Clear Sky Science · en
People drive or stop transitions: Lessons learned on co-creating Edible Cities
Growing Food in the City
Imagine walking through your neighborhood and picking fresh herbs, berries, or salad greens from shared gardens, planters, and even old cemeteries turned into peaceful parks. This article explores the idea of the “edible city” — places where growing, sharing, and enjoying food becomes part of everyday urban life. It shows how ordinary people, local groups, and city officials work together in experimental "Living Labs" to turn unused spaces into productive, social, and greener corners of the city, and what helps or hinders these efforts.

Why Edible Cities Matter
For most of history, cities and nearby areas grew much of their own food. Industrial farming and global supply chains pushed that local connection out of sight. Edible cities seek to bring it back, turning courtyards, rooftops, and empty lots into places where food is grown, neighbors meet, and people reconnect with the seasons. These projects are more than just gardens: they can strengthen communities, support local democracy, and make life in dense cities healthier and more resilient in the face of crises.
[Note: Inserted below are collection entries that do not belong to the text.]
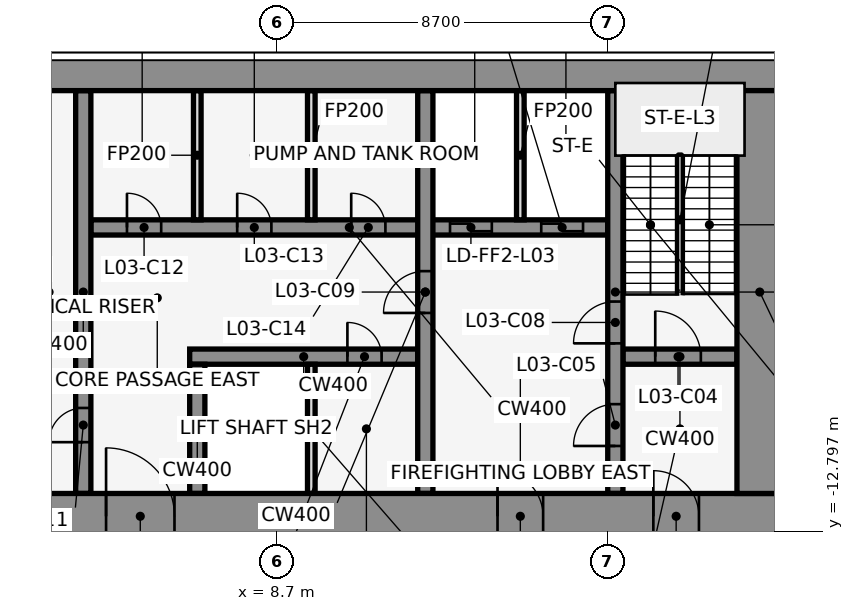
"""IFC4 building model, lengths in metres.
Left out: names, types, materials, properties, quantities, classifications, styles, units other than length and angle.
Written with IfcOpenShell. Run it as: python <this file> out.ifc"""

import sys

from ifc_helpers import new_model, si_unit, direction, frame, frame_2d, origin, place, context, subcontext, project, spatial, rectangle, extrude, element, fill, save


model = new_model("IFC4")
c1 = context("Model", 3, precision=1e-05, world=origin(), true_north=direction((0.0, 1.0)))
c2 = subcontext(c1, "Body", "Model", "MODEL_VIEW")
j1 = project(units=[si_unit("LENGTHUNIT", "METRE"), si_unit("PLANEANGLEUNIT", "RADIAN")], contexts=[c1])
p1 = place(None, origin())
s1 = spatial("IfcSite", under=j1, at=p1, CompositionType="ELEMENT")
p2 = place(p1, origin())
s2 = spatial("IfcBuilding", under=s1, at=p2, CompositionType="ELEMENT")
p3 = place(p2, frame((0.0, 0.0, 20.0)))
s3 = spatial("IfcBuildingStorey", under=s2, at=p3, CompositionType="ELEMENT", Elevation=20.0)
p4 = place(p3, frame((6.4, -8.2, 0.0), z_axis=(0.0, 0.0, 1.0), x_axis=(1.0, 0.0, 0.0)))
e1 = element("IfcWall", 1, at=p4, inside=s3, PredefinedType="SHEAR", context=c2, shape_type="SweptSolid", body=[
    extrude(rectangle(XDim=6.0, YDim=0.4, at=frame_2d((3.0, 0.0))), origin(), (0.0, 0.0, 1.0), 5.0),
])
p5 = place(p4, frame((4.15, 0.0, 0.0)))
e2 = element("IfcOpeningElement", 2, at=p5, cuts=e1, PredefinedType="OPENING", context=c2, shape_type="SweptSolid", body=[
    extrude(rectangle(XDim=0.9, YDim=2.1, at=frame_2d((0.45, 1.05))), frame((0.0, 0.212, 0.0), z_axis=(0.0, -1.0, 0.0), x_axis=(1.0, 0.0, 0.0)), (0.0, 0.0, 1.0), 0.424),
])
p6 = place(p3, frame((17.8, -8.2, 0.0), z_axis=(0.0, 0.0, 1.0), x_axis=(1.0, 0.0, 0.0)))
e3 = element("IfcWall", 3, at=p6, inside=s3, PredefinedType="SHEAR", context=c2, shape_type="SweptSolid", body=[
    extrude(rectangle(XDim=3.0, YDim=0.4, at=frame_2d((1.5, 0.0))), origin(), (0.0, 0.0, 1.0), 5.0),
])
p7 = place(p6, frame((0.85, 0.0, 0.0)))
e4 = element("IfcOpeningElement", 4, at=p7, cuts=e3, PredefinedType="OPENING", context=c2, shape_type="SweptSolid", body=[
    extrude(rectangle(XDim=1.2, YDim=2.1, at=frame_2d((0.6, 1.05))), frame((0.0, 0.212, 0.0), z_axis=(0.0, -1.0, 0.0), x_axis=(1.0, 0.0, 0.0)), (0.0, 0.0, 1.0), 0.424),
])
p8 = place(p3, frame((3.8, -4.8, 0.0), z_axis=(0.0, 0.0, 1.0), x_axis=(1.0, 0.0, 0.0)))
e5 = element("IfcWall", 5, at=p8, inside=s3, PredefinedType="SHEAR", context=c2, shape_type="SweptSolid", body=[
    extrude(rectangle(XDim=13.6, YDim=0.4, at=frame_2d((6.8, 0.0))), origin(), (0.0, 0.0, 1.0), 5.0),
])
p9 = place(p8, frame((9.45, 0.0, 0.0)))
e6 = element("IfcOpeningElement", 6, at=p9, cuts=e5, PredefinedType="OPENING", context=c2, shape_type="SweptSolid", body=[
    extrude(rectangle(XDim=1.1, YDim=2.1, at=frame_2d((0.55, 1.05))), frame((0.0, 0.212, 0.0), z_axis=(0.0, -1.0, 0.0), x_axis=(1.0, 0.0, 0.0)), (0.0, 0.0, 1.0), 0.424),
])
p10 = place(p8, frame((11.85, 0.0, 0.0)))
e7 = element("IfcOpeningElement", 7, at=p10, cuts=e5, PredefinedType="OPENING", context=c2, shape_type="SweptSolid", body=[
    extrude(rectangle(XDim=1.1, YDim=2.1, at=frame_2d((0.55, 1.05))), frame((0.0, 0.212, 0.0), z_axis=(0.0, -1.0, 0.0), x_axis=(1.0, 0.0, 0.0)), (0.0, 0.0, 1.0), 0.424),
])
p11 = place(p8, frame((0.95, 0.0, 0.0)))
e8 = element("IfcOpeningElement", 8, at=p11, cuts=e5, PredefinedType="OPENING", context=c2, shape_type="SweptSolid", body=[
    extrude(rectangle(XDim=0.9, YDim=2.1, at=frame_2d((0.45, 1.05))), frame((0.0, 0.212, 0.0), z_axis=(0.0, -1.0, 0.0), x_axis=(1.0, 0.0, 0.0)), (0.0, 0.0, 1.0), 0.424),
])
p12 = place(p8, frame((3.85, 0.0, 0.0)))
e9 = element("IfcOpeningElement", 9, at=p12, cuts=e5, PredefinedType="OPENING", context=c2, shape_type="SweptSolid", body=[
    extrude(rectangle(XDim=0.9, YDim=2.1, at=frame_2d((0.45, 1.05))), frame((0.0, 0.212, 0.0), z_axis=(0.0, -1.0, 0.0), x_axis=(1.0, 0.0, 0.0)), (0.0, 0.0, 1.0), 0.424),
])
p13 = place(p8, frame((6.85, 0.0, 0.0)))
e10 = element("IfcOpeningElement", 10, at=p13, cuts=e5, PredefinedType="OPENING", context=c2, shape_type="SweptSolid", body=[
    extrude(rectangle(XDim=0.9, YDim=2.1, at=frame_2d((0.45, 1.05))), frame((0.0, 0.212, 0.0), z_axis=(0.0, -1.0, 0.0), x_axis=(1.0, 0.0, 0.0)), (0.0, 0.0, 1.0), 0.424),
])
p14 = place(p3, frame((3.6, -11.8, 0.0), z_axis=(0.0, 0.0, 1.0), x_axis=(0.0, 1.0, 0.0)))
e11 = element("IfcWall", 11, at=p14, inside=s3, PredefinedType="SHEAR", context=c2, shape_type="SweptSolid", body=[
    extrude(rectangle(XDim=10.6, YDim=0.4, at=frame_2d((5.3, 0.0))), origin(), (0.0, 0.0, 1.0), 5.0),
])
p15 = place(p14, frame((1.35, 0.0, 0.0)))
e12 = element("IfcOpeningElement", 12, at=p15, cuts=e11, PredefinedType="OPENING", context=c2, shape_type="SweptSolid", body=[
    extrude(rectangle(XDim=0.9, YDim=2.1, at=frame_2d((0.45, 1.05))), frame((0.0, 0.212, 0.0), z_axis=(0.0, -1.0, 0.0), x_axis=(1.0, 0.0, 0.0)), (0.0, 0.0, 1.0), 0.424),
])
p16 = place(p3, frame((6.6, -11.8, 0.0), z_axis=(0.0, 0.0, 1.0), x_axis=(0.0, 1.0, 0.0)))
e13 = element("IfcWall", 13, at=p16, inside=s3, PredefinedType="SHEAR", context=c2, shape_type="SweptSolid", body=[
    extrude(rectangle(XDim=3.4, YDim=0.4, at=frame_2d((1.7, 0.0))), origin(), (0.0, 0.0, 1.0), 5.0),
])
for number, where, z_axis, x_axis in (
    (14, (6.6, -4.6, 0.0), (0.0, 0.0, 1.0), (0.0, 1.0, 0.0)),
    (15, (9.6, -11.8, 0.0), (0.0, 0.0, 1.0), (0.0, 1.0, 0.0)),
    (16, (9.6, -4.6, 0.0), (0.0, 0.0, 1.0), (0.0, 1.0, 0.0)),
):
    element("IfcWall", number, at=place(p3, frame(where, z_axis=z_axis, x_axis=x_axis)), inside=s3, PredefinedType="PARTITIONING", context=c2, shape_type="SweptSolid", body=[
        extrude(rectangle(XDim=3.4, YDim=0.2, at=frame_2d((1.7, 0.0))), origin(), (0.0, 0.0, 1.0), 4.7),
    ])
p17 = place(p3, frame((12.6, -11.8, 0.0), z_axis=(0.0, 0.0, 1.0), x_axis=(0.0, 1.0, 0.0)))
e17 = element("IfcWall", 17, at=p17, inside=s3, PredefinedType="SHEAR", context=c2, shape_type="SweptSolid", body=[
    extrude(rectangle(XDim=10.6, YDim=0.4, at=frame_2d((5.3, 0.0))), origin(), (0.0, 0.0, 1.0), 5.0),
])
p18 = place(p17, frame((4.75, 0.0, 0.0)))
e18 = element("IfcOpeningElement", 18, at=p18, cuts=e17, PredefinedType="OPENING", context=c2, shape_type="SweptSolid", body=[
    extrude(rectangle(XDim=1.1, YDim=2.1, at=frame_2d((0.55, 1.05))), frame((0.0, 0.212, 0.0), z_axis=(0.0, -1.0, 0.0), x_axis=(1.0, 0.0, 0.0)), (0.0, 0.0, 1.0), 0.424),
])
p19 = place(p3, frame((15.1, -4.6, 0.0), z_axis=(0.0, 0.0, 1.0), x_axis=(0.0, 1.0, 0.0)))
e19 = element("IfcWall", 19, at=p19, inside=s3, PredefinedType="PARTITIONING", context=c2, shape_type="SweptSolid", body=[
    extrude(rectangle(XDim=3.4, YDim=0.2, at=frame_2d((1.7, 0.0))), origin(), (0.0, 0.0, 1.0), 4.7),
])
p20 = place(p3, frame((17.6, -11.8, 0.0), z_axis=(0.0, 0.0, 1.0), x_axis=(0.0, 1.0, 0.0)))
e20 = element("IfcWall", 20, at=p20, inside=s3, PredefinedType="SHEAR", context=c2, shape_type="SweptSolid", body=[
    extrude(rectangle(XDim=10.6, YDim=0.4, at=frame_2d((5.3, 0.0))), origin(), (0.0, 0.0, 1.0), 5.0),
])
p21 = place(p20, frame((1.25, 0.0, 0.0)))
e21 = element("IfcOpeningElement", 21, at=p21, cuts=e20, PredefinedType="OPENING", context=c2, shape_type="SweptSolid", body=[
    extrude(rectangle(XDim=1.1, YDim=2.1, at=frame_2d((0.55, 1.05))), frame((0.0, 0.212, 0.0), z_axis=(0.0, -1.0, 0.0), x_axis=(1.0, 0.0, 0.0)), (0.0, 0.0, 1.0), 0.424),
])
p22 = place(p20, frame((3.95, 0.0, 0.0)))
e22 = element("IfcOpeningElement", 22, at=p22, cuts=e20, PredefinedType="OPENING", context=c2, shape_type="SweptSolid", body=[
    extrude(rectangle(XDim=1.1, YDim=2.1, at=frame_2d((0.55, 1.05))), frame((0.0, 0.212, 0.0), z_axis=(0.0, -1.0, 0.0), x_axis=(1.0, 0.0, 0.0)), (0.0, 0.0, 1.0), 0.424),
])
p23 = place(p3, frame((-22.0, -0.6, 0.0), z_axis=(0.0, 0.0, 1.0), x_axis=(1.0, 0.0, 0.0)))
e23 = element("IfcWall", 23, at=p23, inside=s3, PredefinedType="SHEAR", context=c2, shape_type="SweptSolid", body=[
    extrude(rectangle(XDim=44.0, YDim=1.2, at=frame_2d((22.0, 0.0))), origin(), (0.0, 0.0, 1.0), 5.0),
])
p24 = place(p3, frame((-22.0, -12.4, 0.0), z_axis=(0.0, 0.0, 1.0), x_axis=(1.0, 0.0, 0.0)))
e24 = element("IfcWall", 24, at=p24, inside=s3, PredefinedType="SHEAR", context=c2, shape_type="SweptSolid", body=[
    extrude(rectangle(XDim=44.0, YDim=1.2, at=frame_2d((22.0, 0.0))), origin(), (0.0, 0.0, 1.0), 5.0),
])
p25 = place(p24, frame((2.2, 0.0, 0.0)))
e25 = element("IfcOpeningElement", 25, at=p25, cuts=e24, PredefinedType="OPENING", context=c2, shape_type="SweptSolid", body=[
    extrude(rectangle(XDim=1.2, YDim=2.1, at=frame_2d((0.6, 1.05))), frame((0.0, 0.612, 0.0), z_axis=(0.0, -1.0, 0.0), x_axis=(1.0, 0.0, 0.0)), (0.0, 0.0, 1.0), 1.224),
])
p26 = place(p24, frame((21.4, 0.0, 0.0)))
e26 = element("IfcOpeningElement", 26, at=p26, cuts=e24, PredefinedType="OPENING", context=c2, shape_type="SweptSolid", body=[
    extrude(rectangle(XDim=1.2, YDim=2.1, at=frame_2d((0.6, 1.05))), frame((0.0, 0.612, 0.0), z_axis=(0.0, -1.0, 0.0), x_axis=(1.0, 0.0, 0.0)), (0.0, 0.0, 1.0), 1.224),
])
p27 = place(p24, frame((40.6, 0.0, 0.0)))
e27 = element("IfcOpeningElement", 27, at=p27, cuts=e24, PredefinedType="OPENING", context=c2, shape_type="SweptSolid", body=[
    extrude(rectangle(XDim=1.2, YDim=2.1, at=frame_2d((0.6, 1.05))), frame((0.0, 0.612, 0.0), z_axis=(0.0, -1.0, 0.0), x_axis=(1.0, 0.0, 0.0)), (0.0, 0.0, 1.0), 1.224),
])
p28 = place(p24, frame((16.0, 0.0, 0.0)))
e28 = element("IfcOpeningElement", 28, at=p28, cuts=e24, PredefinedType="OPENING", context=c2, shape_type="SweptSolid", body=[
    extrude(rectangle(XDim=1.8, YDim=2.1, at=frame_2d((0.9, 1.05))), frame((0.0, 0.612, 0.0), z_axis=(0.0, -1.0, 0.0), x_axis=(1.0, 0.0, 0.0)), (0.0, 0.0, 1.0), 1.224),
])
p29 = place(p24, frame((6.3, 0.0, 0.0)))
e29 = element("IfcOpeningElement", 29, at=p29, cuts=e24, PredefinedType="OPENING", context=c2, shape_type="SweptSolid", body=[
    extrude(rectangle(XDim=1.2, YDim=2.1, at=frame_2d((0.6, 1.05))), frame((0.0, 0.612, 0.0), z_axis=(0.0, -1.0, 0.0), x_axis=(1.0, 0.0, 0.0)), (0.0, 0.0, 1.0), 1.224),
])
p30 = place(p24, frame((26.2, 0.0, 0.0)))
e30 = element("IfcOpeningElement", 30, at=p30, cuts=e24, PredefinedType="OPENING", context=c2, shape_type="SweptSolid", body=[
    extrude(rectangle(XDim=1.8, YDim=2.1, at=frame_2d((0.9, 1.05))), frame((0.0, 0.612, 0.0), z_axis=(0.0, -1.0, 0.0), x_axis=(1.0, 0.0, 0.0)), (0.0, 0.0, 1.0), 1.224),
])
p31 = place(p24, frame((36.5, 0.0, 0.0)))
e31 = element("IfcOpeningElement", 31, at=p31, cuts=e24, PredefinedType="OPENING", context=c2, shape_type="SweptSolid", body=[
    extrude(rectangle(XDim=1.2, YDim=2.1, at=frame_2d((0.6, 1.05))), frame((0.0, 0.612, 0.0), z_axis=(0.0, -1.0, 0.0), x_axis=(1.0, 0.0, 0.0)), (0.0, 0.0, 1.0), 1.224),
])
p32 = place(p3, frame((21.4, -11.8, 0.0), z_axis=(0.0, 0.0, 1.0), x_axis=(0.0, 1.0, 0.0)))
e32 = element("IfcWall", 32, at=p32, inside=s3, PredefinedType="SHEAR", context=c2, shape_type="SweptSolid", body=[
    extrude(rectangle(XDim=10.6, YDim=1.2, at=frame_2d((5.3, 0.0))), origin(), (0.0, 0.0, 1.0), 5.0),
])
p33 = place(p7, origin())
e33 = element("IfcDoor", 33, at=p33, inside=s3, OperationType="SINGLE_SWING_RIGHT", PredefinedType="DOOR", context=c2, shape_type="SweptSolid", body=[
    extrude(rectangle(XDim=1.2, YDim=2.1, at=frame_2d((0.6, 1.05))), frame((0.0, 0.025, 0.0), z_axis=(0.0, -1.0, 0.0), x_axis=(1.0, 0.0, 0.0)), (0.0, 0.0, 1.0), 0.05),
])
fill(e4, e33)
p34 = place(p21, origin())
e34 = element("IfcDoor", 34, at=p34, inside=s3, OperationType="SINGLE_SWING_LEFT", PredefinedType="DOOR", context=c2, shape_type="SweptSolid", body=[
    extrude(rectangle(XDim=1.1, YDim=2.1, at=frame_2d((0.55, 1.05))), frame((0.0, 0.025, 0.0), z_axis=(0.0, -1.0, 0.0), x_axis=(1.0, 0.0, 0.0)), (0.0, 0.0, 1.0), 0.05),
])
fill(e21, e34)
p35 = place(p9, origin())
e35 = element("IfcDoor", 35, at=p35, inside=s3, OperationType="DOUBLE_DOOR_SLIDING", PredefinedType="DOOR", context=c2, shape_type="SweptSolid", body=[
    extrude(rectangle(XDim=1.1, YDim=2.1, at=frame_2d((0.55, 1.05))), frame((0.0, 0.025, 0.0), z_axis=(0.0, -1.0, 0.0), x_axis=(1.0, 0.0, 0.0)), (0.0, 0.0, 1.0), 0.05),
])
fill(e6, e35)
p36 = place(p10, origin())
e36 = element("IfcDoor", 36, at=p36, inside=s3, OperationType="DOUBLE_DOOR_SLIDING", PredefinedType="DOOR", context=c2, shape_type="SweptSolid", body=[
    extrude(rectangle(XDim=1.1, YDim=2.1, at=frame_2d((0.55, 1.05))), frame((0.0, 0.025, 0.0), z_axis=(0.0, -1.0, 0.0), x_axis=(1.0, 0.0, 0.0)), (0.0, 0.0, 1.0), 0.05),
])
fill(e7, e36)
p37 = place(p22, origin())
e37 = element("IfcDoor", 37, at=p37, inside=s3, OperationType="SINGLE_SWING_RIGHT", PredefinedType="DOOR", context=c2, shape_type="SweptSolid", body=[
    extrude(rectangle(XDim=1.1, YDim=2.1, at=frame_2d((0.55, 1.05))), frame((0.0, 0.025, 0.0), z_axis=(0.0, -1.0, 0.0), x_axis=(1.0, 0.0, 0.0)), (0.0, 0.0, 1.0), 0.05),
])
fill(e22, e37)
p38 = place(p18, frame((1.1, 0.0, 0.0), z_axis=(0.0, 0.0, 1.0), x_axis=(-1.0, 0.0, 0.0)))
e38 = element("IfcDoor", 38, at=p38, inside=s3, OperationType="SINGLE_SWING_RIGHT", PredefinedType="DOOR", context=c2, shape_type="SweptSolid", body=[
    extrude(rectangle(XDim=1.1, YDim=2.1, at=frame_2d((0.55, 1.05))), frame((0.0, 0.025, 0.0), z_axis=(0.0, -1.0, 0.0), x_axis=(1.0, 0.0, 0.0)), (0.0, 0.0, 1.0), 0.05),
])
fill(e18, e38)
p39 = place(p15, origin())
e39 = element("IfcDoor", 39, at=p39, inside=s3, OperationType="SINGLE_SWING_LEFT", PredefinedType="DOOR", context=c2, shape_type="SweptSolid", body=[
    extrude(rectangle(XDim=0.9, YDim=2.1, at=frame_2d((0.45, 1.05))), frame((0.0, 0.025, 0.0), z_axis=(0.0, -1.0, 0.0), x_axis=(1.0, 0.0, 0.0)), (0.0, 0.0, 1.0), 0.05),
])
fill(e12, e39)
p40 = place(p11, origin())
e40 = element("IfcDoor", 40, at=p40, inside=s3, OperationType="SINGLE_SWING_RIGHT", PredefinedType="DOOR", context=c2, shape_type="SweptSolid", body=[
    extrude(rectangle(XDim=0.9, YDim=2.1, at=frame_2d((0.45, 1.05))), frame((0.0, 0.025, 0.0), z_axis=(0.0, -1.0, 0.0), x_axis=(1.0, 0.0, 0.0)), (0.0, 0.0, 1.0), 0.05),
])
fill(e8, e40)
p41 = place(p12, origin())
e41 = element("IfcDoor", 41, at=p41, inside=s3, OperationType="SINGLE_SWING_LEFT", PredefinedType="DOOR", context=c2, shape_type="SweptSolid", body=[
    extrude(rectangle(XDim=0.9, YDim=2.1, at=frame_2d((0.45, 1.05))), frame((0.0, 0.025, 0.0), z_axis=(0.0, -1.0, 0.0), x_axis=(1.0, 0.0, 0.0)), (0.0, 0.0, 1.0), 0.05),
])
fill(e9, e41)
p42 = place(p13, origin())
e42 = element("IfcDoor", 42, at=p42, inside=s3, OperationType="SINGLE_SWING_RIGHT", PredefinedType="DOOR", context=c2, shape_type="SweptSolid", body=[
    extrude(rectangle(XDim=0.9, YDim=2.1, at=frame_2d((0.45, 1.05))), frame((0.0, 0.025, 0.0), z_axis=(0.0, -1.0, 0.0), x_axis=(1.0, 0.0, 0.0)), (0.0, 0.0, 1.0), 0.05),
])
fill(e10, e42)
p43 = place(p5, frame((0.9, 0.0, 0.0), z_axis=(0.0, 0.0, 1.0), x_axis=(-1.0, 0.0, 0.0)))
e43 = element("IfcDoor", 43, at=p43, inside=s3, OperationType="SINGLE_SWING_LEFT", PredefinedType="DOOR", context=c2, shape_type="SweptSolid", body=[
    extrude(rectangle(XDim=0.9, YDim=2.1, at=frame_2d((0.45, 1.05))), frame((0.0, 0.025, 0.0), z_axis=(0.0, -1.0, 0.0), x_axis=(1.0, 0.0, 0.0)), (0.0, 0.0, 1.0), 0.05),
])
fill(e2, e43)
p44 = place(p27, frame((1.2, 0.0, 0.0), z_axis=(0.0, 0.0, 1.0), x_axis=(-1.0, 0.0, 0.0)))
e44 = element("IfcDoor", 44, at=p44, inside=s3, OperationType="SINGLE_SWING_RIGHT", PredefinedType="DOOR", context=c2, shape_type="SweptSolid", body=[
    extrude(rectangle(XDim=1.2, YDim=2.1, at=frame_2d((0.6, 1.05))), frame((0.0, 0.025, 0.0), z_axis=(0.0, -1.0, 0.0), x_axis=(1.0, 0.0, 0.0)), (0.0, 0.0, 1.0), 0.05),
])
fill(e27, e44)
p45 = place(p30, origin())
e45 = element("IfcDoor", 45, at=p45, inside=s3, OperationType="SINGLE_SWING_LEFT", PredefinedType="DOOR", context=c2, shape_type="SweptSolid", body=[
    extrude(rectangle(XDim=1.8, YDim=2.1, at=frame_2d((0.9, 1.05))), frame((0.0, 0.025, 0.0), z_axis=(0.0, -1.0, 0.0), x_axis=(1.0, 0.0, 0.0)), (0.0, 0.0, 1.0), 0.05),
])
fill(e30, e45)
p46 = place(p31, frame((1.2, 0.0, 0.0), z_axis=(0.0, 0.0, 1.0), x_axis=(-1.0, 0.0, 0.0)))
e46 = element("IfcDoor", 46, at=p46, inside=s3, OperationType="SINGLE_SWING_RIGHT", PredefinedType="DOOR", context=c2, shape_type="SweptSolid", body=[
    extrude(rectangle(XDim=1.2, YDim=2.1, at=frame_2d((0.6, 1.05))), frame((0.0, 0.025, 0.0), z_axis=(0.0, -1.0, 0.0), x_axis=(1.0, 0.0, 0.0)), (0.0, 0.0, 1.0), 0.05),
])
fill(e31, e46)
save(model, sys.argv[1])

Testing Ideas in Real Neighborhoods
The researchers followed six Living Labs in very different places: from a small German town and two contrasting districts in Berlin, to a disadvantaged neighborhood in Oslo, a network of food initiatives in Rotterdam, and a farming district in Havana. In each site, local teams brought together city officials, activists, social entrepreneurs, scientists, and residents to design and run “Edible City Solutions,” such as community gardens, edible public parks, urban aquaculture, and shared cooking spaces. Instead of working only on paper, these teams tried things out directly in streets and parks, learning by doing over nearly five years.

People, Power, and Everyday Friction
The study found that success depended less on clever technical ideas and more on how people worked together. Teams often started with great energy, but membership shifted over time as volunteers’ schedules changed, staff moved jobs, politics shifted, and the COVID-19 pandemic interrupted in-person work. Finding a shared way of working was hard. Some city coordinators saw themselves as gentle facilitators but were experienced by others as managers. Volunteers and smaller groups sometimes felt decisions were made elsewhere or that their time was not fully used. Differences in power and resources also mattered: paid professionals could attend daytime meetings and navigate bureaucracy, while ordinary citizens often struggled to participate on top of jobs and family responsibilities.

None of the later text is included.